United States. Russia. China. Japan. India. These countries have one thing in common: a space agency capable of providing launch services, building their own satellites, and flying into space for interplanetary missions.
Now, Australia wants to join the club.
The Australian government is set to establish its first space agency after reviewing the capability of the local space tech industry. Australian NASA astronaut Andy Thomas leads this development.
“We need a national agency that speaks for the country and with ministerial authority,” Thomas said in a statement earlier this year. “Without that Australia is doomed to be forever dependent on other nations for its space-related security, its space-related economy, its space-related defense and its space-related environmental assessment.”
The country is one of the two in the Organization for Economic Co-operation and Development without a space agency. That is now about to change.
Acting minister for industry, innovation and science Michaelia Cash said that the global space industry is growing rapidly and it’s crucial that Australia is part of the growth. “The agency will be the anchor for our domestic coordination and the front door for our international engagement,” she added.
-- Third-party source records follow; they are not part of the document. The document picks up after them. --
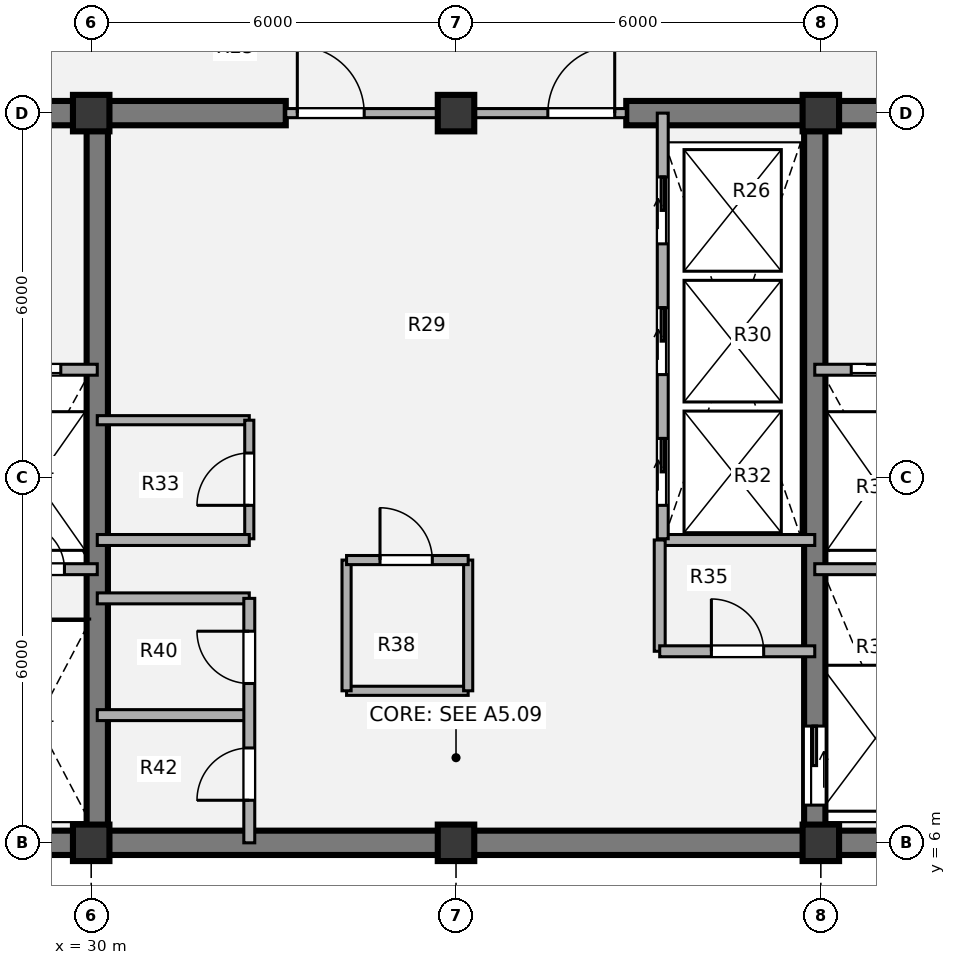
"""IFC4 building model, lengths in metres.
Left out: names, types, materials, properties, quantities, classifications, styles, units other than length and angle.
Written with IfcOpenShell. Run it as: python <this file> out.ifc"""

import sys

from ifc_helpers import new_model, si_unit, direction, frame, frame_2d, origin, origin_2d, place, context, subcontext, project, spatial, rectangle, extrude, source, transform, mapped, element, fill, save


model = new_model("IFC4")
c1 = context("Model", 3, precision=1e-05, world=origin(), true_north=direction((0.0, 1.0)))
c2 = subcontext(c1, "Body", "Model", "MODEL_VIEW")
j1 = project(units=[si_unit("LENGTHUNIT", "METRE"), si_unit("PLANEANGLEUNIT", "RADIAN")], contexts=[c1])
p1 = place(None, origin())
s1 = spatial("IfcSite", under=j1, at=p1, CompositionType="ELEMENT")
p2 = place(p1, origin())
s2 = spatial("IfcBuilding", under=s1, at=p2, CompositionType="ELEMENT")
p3 = place(p2, frame((0.0, 0.0, 264.6)))
s3 = spatial("IfcBuildingStorey", under=s2, at=p3, CompositionType="ELEMENT", Elevation=264.6)
m1 = source(origin(), c2, "Body", "SweptSolid", [
    extrude(rectangle(XDim=0.6, YDim=0.6, at=origin_2d()), origin(), (0.0, 0.0, 1.0), 3.78),
])
for number, where, z_axis, x_axis in (
    (1, (30.0, 6.0, 0.0), (0.0, 0.0, 1.0), (1.0, 0.0, 0.0)),
    (2, (36.0, 6.0, 0.0), (0.0, 0.0, 1.0), (1.0, 0.0, 0.0)),
    (3, (42.0, 6.0, 0.0), (0.0, 0.0, 1.0), (1.0, 0.0, 0.0)),
    (4, (30.0, 18.0, 0.0), (0.0, 0.0, 1.0), (1.0, 0.0, 0.0)),
    (5, (36.0, 18.0, 0.0), (0.0, 0.0, 1.0), (1.0, 0.0, 0.0)),
    (6, (42.0, 18.0, 0.0), (0.0, 0.0, 1.0), (1.0, 0.0, 0.0)),
):
    element("IfcColumn", number, at=place(p3, frame(where, z_axis=z_axis, x_axis=x_axis)), inside=s3, PredefinedType="COLUMN", context=c2, shape_type="MappedRepresentation", body=[
        mapped(m1, transform((0.0, 0.0, 0.0), x_axis=(1.0, 0.0, 0.0), y_axis=(0.0, 1.0, 0.0), z_axis=(0.0, 0.0, 1.0), scale=1.0)),
    ])
p4 = place(p3, frame((48.2, 6.0, 0.0), z_axis=(0.0, 0.0, 1.0), x_axis=(-1.0, 0.0, 0.0)))
e7 = element("IfcWall", 7, at=p4, inside=s3, PredefinedType="SHEAR", context=c2, shape_type="SweptSolid", body=[
    extrude(rectangle(XDim=24.4, YDim=0.4, at=frame_2d((12.2, 0.0))), origin(), (0.0, 0.0, 1.0), 3.78),
])
p5 = place(p3, frame((23.8, 18.0, 0.0), z_axis=(0.0, 0.0, 1.0), x_axis=(1.0, 0.0, 0.0)))
e8 = element("IfcWall", 8, at=p5, inside=s3, PredefinedType="SHEAR", context=c2, shape_type="SweptSolid", body=[
    extrude(rectangle(XDim=9.4, YDim=0.4, at=frame_2d((4.7, 0.0))), origin(), (0.0, 0.0, 1.0), 3.78),
])
p6 = place(p5, frame((2.95, 0.0, 0.0)))
e9 = element("IfcOpeningElement", 9, at=p6, cuts=e8, PredefinedType="OPENING", context=c2, shape_type="SweptSolid", body=[
    extrude(rectangle(XDim=1.1, YDim=2.1, at=origin_2d()), frame((0.55, 0.21, 1.05), z_axis=(0.0, -1.0, 0.0), x_axis=(1.0, 0.0, 0.0)), (0.0, 0.0, 1.0), 0.42),
])
p7 = place(p3, frame((38.8, 18.0, 0.0), z_axis=(0.0, 0.0, 1.0), x_axis=(1.0, 0.0, 0.0)))
e10 = element("IfcWall", 10, at=p7, inside=s3, PredefinedType="SHEAR", context=c2, shape_type="SweptSolid", body=[
    extrude(rectangle(XDim=9.4, YDim=0.4, at=frame_2d((4.7, 0.0))), origin(), (0.0, 0.0, 1.0), 3.78),
])
p8 = place(p7, frame((5.45, 0.0, 0.0)))
e11 = element("IfcOpeningElement", 11, at=p8, cuts=e10, PredefinedType="OPENING", context=c2, shape_type="SweptSolid", body=[
    extrude(rectangle(XDim=1.1, YDim=2.1, at=origin_2d()), frame((0.55, 0.21, 1.05), z_axis=(0.0, -1.0, 0.0), x_axis=(1.0, 0.0, 0.0)), (0.0, 0.0, 1.0), 0.42),
])
p9 = place(p3, frame((30.1, 6.0, 0.0), z_axis=(0.0, 0.0, 1.0), x_axis=(0.0, 1.0, 0.0)))
e12 = element("IfcWall", 12, at=p9, inside=s3, PredefinedType="SHEAR", context=c2, shape_type="SweptSolid", body=[
    extrude(rectangle(XDim=12.0, YDim=0.35, at=frame_2d((6.0, 0.0))), origin(), (0.0, 0.0, 1.0), 3.78),
])
p10 = place(p3, frame((41.9, 18.0, 0.0), z_axis=(0.0, 0.0, 1.0), x_axis=(0.0, -1.0, 0.0)))
e13 = element("IfcWall", 13, at=p10, inside=s3, PredefinedType="SHEAR", context=c2, shape_type="SweptSolid", body=[
    extrude(rectangle(XDim=12.0, YDim=0.35, at=frame_2d((6.0, 0.0))), origin(), (0.0, 0.0, 1.0), 3.78),
])
p11 = place(p10, frame((10.08, 0.0, 0.0)))
e14 = element("IfcOpeningElement", 14, at=p11, cuts=e13, PredefinedType="OPENING", context=c2, shape_type="SweptSolid", body=[
    extrude(rectangle(XDim=1.3, YDim=2.1, at=origin_2d()), frame((0.65, 0.185, 1.05), z_axis=(0.0, -1.0, 0.0), x_axis=(1.0, 0.0, 0.0)), (0.0, 0.0, 1.0), 0.37),
])
p12 = place(p3, frame((30.1, 12.95, 0.0), z_axis=(0.0, 0.0, 1.0), x_axis=(1.0, 0.0, 0.0)))
e15 = element("IfcWall", 15, at=p12, inside=s3, PredefinedType="PARTITIONING", context=c2, shape_type="SweptSolid", body=[
    extrude(rectangle(XDim=2.5, YDim=0.15, at=frame_2d((1.25, 0.0))), origin(), (0.0, 0.0, 1.0), 3.5),
])
p13 = place(p3, frame((32.6, 11.0, 0.0), z_axis=(0.0, 0.0, 1.0), x_axis=(0.0, 1.0, 0.0)))
e16 = element("IfcWall", 16, at=p13, inside=s3, PredefinedType="PARTITIONING", context=c2, shape_type="SweptSolid", body=[
    extrude(rectangle(XDim=1.95, YDim=0.15, at=frame_2d((0.975, 0.0))), origin(), (0.0, 0.0, 1.0), 3.5),
])
p14 = place(p13, frame((0.55, 0.0, 0.0)))
e17 = element("IfcOpeningElement", 17, at=p14, cuts=e16, PredefinedType="OPENING", context=c2, shape_type="SweptSolid", body=[
    extrude(rectangle(XDim=0.86, YDim=2.1, at=origin_2d()), frame((0.43, 0.085, 1.05), z_axis=(0.0, -1.0, 0.0), x_axis=(1.0, 0.0, 0.0)), (0.0, 0.0, 1.0), 0.17),
])
p15 = place(p3, frame((34.2, 8.5, 0.0), z_axis=(0.0, 0.0, 1.0), x_axis=(1.0, 0.0, 0.0)))
e18 = element("IfcWall", 18, at=p15, inside=s3, PredefinedType="PARTITIONING", context=c2, shape_type="SweptSolid", body=[
    extrude(rectangle(XDim=2.0, YDim=0.15, at=frame_2d((1.0, 0.0))), origin(), (0.0, 0.0, 1.0), 3.5),
])
p16 = place(p3, frame((34.2, 8.5, 0.0), z_axis=(0.0, 0.0, 1.0), x_axis=(0.0, 1.0, 0.0)))
e19 = element("IfcWall", 19, at=p16, inside=s3, PredefinedType="PARTITIONING", context=c2, shape_type="SweptSolid", body=[
    extrude(rectangle(XDim=2.15, YDim=0.15, at=frame_2d((1.075, 0.0))), origin(), (0.0, 0.0, 1.0), 3.5),
])
p17 = place(p3, frame((36.2, 8.5, 0.0), z_axis=(0.0, 0.0, 1.0), x_axis=(0.0, 1.0, 0.0)))
e20 = element("IfcWall", 20, at=p17, inside=s3, PredefinedType="PARTITIONING", context=c2, shape_type="SweptSolid", body=[
    extrude(rectangle(XDim=2.15, YDim=0.15, at=frame_2d((1.075, 0.0))), origin(), (0.0, 0.0, 1.0), 2.715),
])
p18 = place(p3, frame((34.2, 10.65, 0.0), z_axis=(0.0, 0.0, 1.0), x_axis=(1.0, 0.0, 0.0)))
e21 = element("IfcWall", 21, at=p18, inside=s3, PredefinedType="PARTITIONING", context=c2, shape_type="SweptSolid", body=[
    extrude(rectangle(XDim=2.0, YDim=0.15, at=frame_2d((1.0, 0.0))), origin(), (0.0, 0.0, 1.0), 3.5),
])
p19 = place(p18, frame((0.55, 0.0, 0.0)))
e22 = element("IfcOpeningElement", 22, at=p19, cuts=e21, PredefinedType="OPENING", context=c2, shape_type="SweptSolid", body=[
    extrude(rectangle(XDim=0.86, YDim=2.1, at=origin_2d()), frame((0.43, 0.085, 1.05), z_axis=(0.0, -1.0, 0.0), x_axis=(1.0, 0.0, 0.0)), (0.0, 0.0, 1.0), 0.17),
])
p20 = place(p3, frame((30.1, 10.98, 0.0), z_axis=(0.0, 0.0, 1.0), x_axis=(1.0, 0.0, 0.0)))
e23 = element("IfcWall", 23, at=p20, inside=s3, PredefinedType="PARTITIONING", context=c2, shape_type="SweptSolid", body=[
    extrude(rectangle(XDim=2.5, YDim=0.18, at=frame_2d((1.25, 0.0))), origin(), (0.0, 0.0, 1.0), 3.5),
])
p21 = place(p3, frame((39.35, 10.98, 0.0), z_axis=(0.0, 0.0, 1.0), x_axis=(1.0, 0.0, 0.0)))
e24 = element("IfcWall", 24, at=p21, inside=s3, PredefinedType="PARTITIONING", context=c2, shape_type="SweptSolid", body=[
    extrude(rectangle(XDim=2.55, YDim=0.18, at=frame_2d((1.275, 0.0))), origin(), (0.0, 0.0, 1.0), 3.5),
])
for number, where, z_axis, x_axis in (
    (25, (30.1, 8.1, 0.0), (0.0, 0.0, 1.0), (1.0, 0.0, 0.0)),
    (26, (30.1, 10.02, 0.0), (0.0, 0.0, 1.0), (1.0, 0.0, 0.0)),
):
    element("IfcWall", number, at=place(p3, frame(where, z_axis=z_axis, x_axis=x_axis)), inside=s3, PredefinedType="PARTITIONING", context=c2, shape_type="SweptSolid", body=[
        extrude(rectangle(XDim=2.5, YDim=0.18, at=frame_2d((1.25, 0.0))), origin(), (0.0, 0.0, 1.0), 3.5),
    ])
p22 = place(p3, frame((32.6, 6.0, 0.0), z_axis=(0.0, 0.0, 1.0), x_axis=(0.0, 1.0, 0.0)))
e27 = element("IfcWall", 27, at=p22, inside=s3, PredefinedType="PARTITIONING", context=c2, shape_type="SweptSolid", body=[
    extrude(rectangle(XDim=4.02, YDim=0.18, at=frame_2d((2.01, 0.0))), origin(), (0.0, 0.0, 1.0), 3.5),
])
p23 = place(p22, frame((0.7, 0.0, 0.0)))
e28 = element("IfcOpeningElement", 28, at=p23, cuts=e27, PredefinedType="OPENING", context=c2, shape_type="SweptSolid", body=[
    extrude(rectangle(XDim=0.86, YDim=2.1, at=origin_2d()), frame((0.43, 0.1, 1.05), z_axis=(0.0, -1.0, 0.0), x_axis=(1.0, 0.0, 0.0)), (0.0, 0.0, 1.0), 0.2),
])
p24 = place(p22, frame((2.62, 0.0, 0.0)))
e29 = element("IfcOpeningElement", 29, at=p24, cuts=e27, PredefinedType="OPENING", context=c2, shape_type="SweptSolid", body=[
    extrude(rectangle(XDim=0.86, YDim=2.1, at=origin_2d()), frame((0.43, 0.1, 1.05), z_axis=(0.0, -1.0, 0.0), x_axis=(1.0, 0.0, 0.0)), (0.0, 0.0, 1.0), 0.2),
])
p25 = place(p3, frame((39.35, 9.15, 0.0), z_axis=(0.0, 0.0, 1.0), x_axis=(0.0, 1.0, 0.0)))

Australia’s space industry has 11,000 employees. It generates $4 billion a year, and it could balloon once a national organization will be put up according to Flavia Tata Nardini, an aerospace engineer who is the founder of Adelaide satellite tech firm Fleet.
“The foundations a national space agency will lay, will enable our nation to continue to prosper in the next 20 to 50 years,” she said.
It is estimated that the Australian space agency will generate thousands of new jobs.
Long-term plans of the Federal Government in this new venture will be laid out at the 68th International Astronautical Congress in Adelaide.
There is no final name to the Australian space agency yet. But a clever group put up a website suggesting it should be named ARSE, or Australian Research and Space Exploration. They are even selling T-shirts with the logo which can easily be mistaken as a legitimate space agency.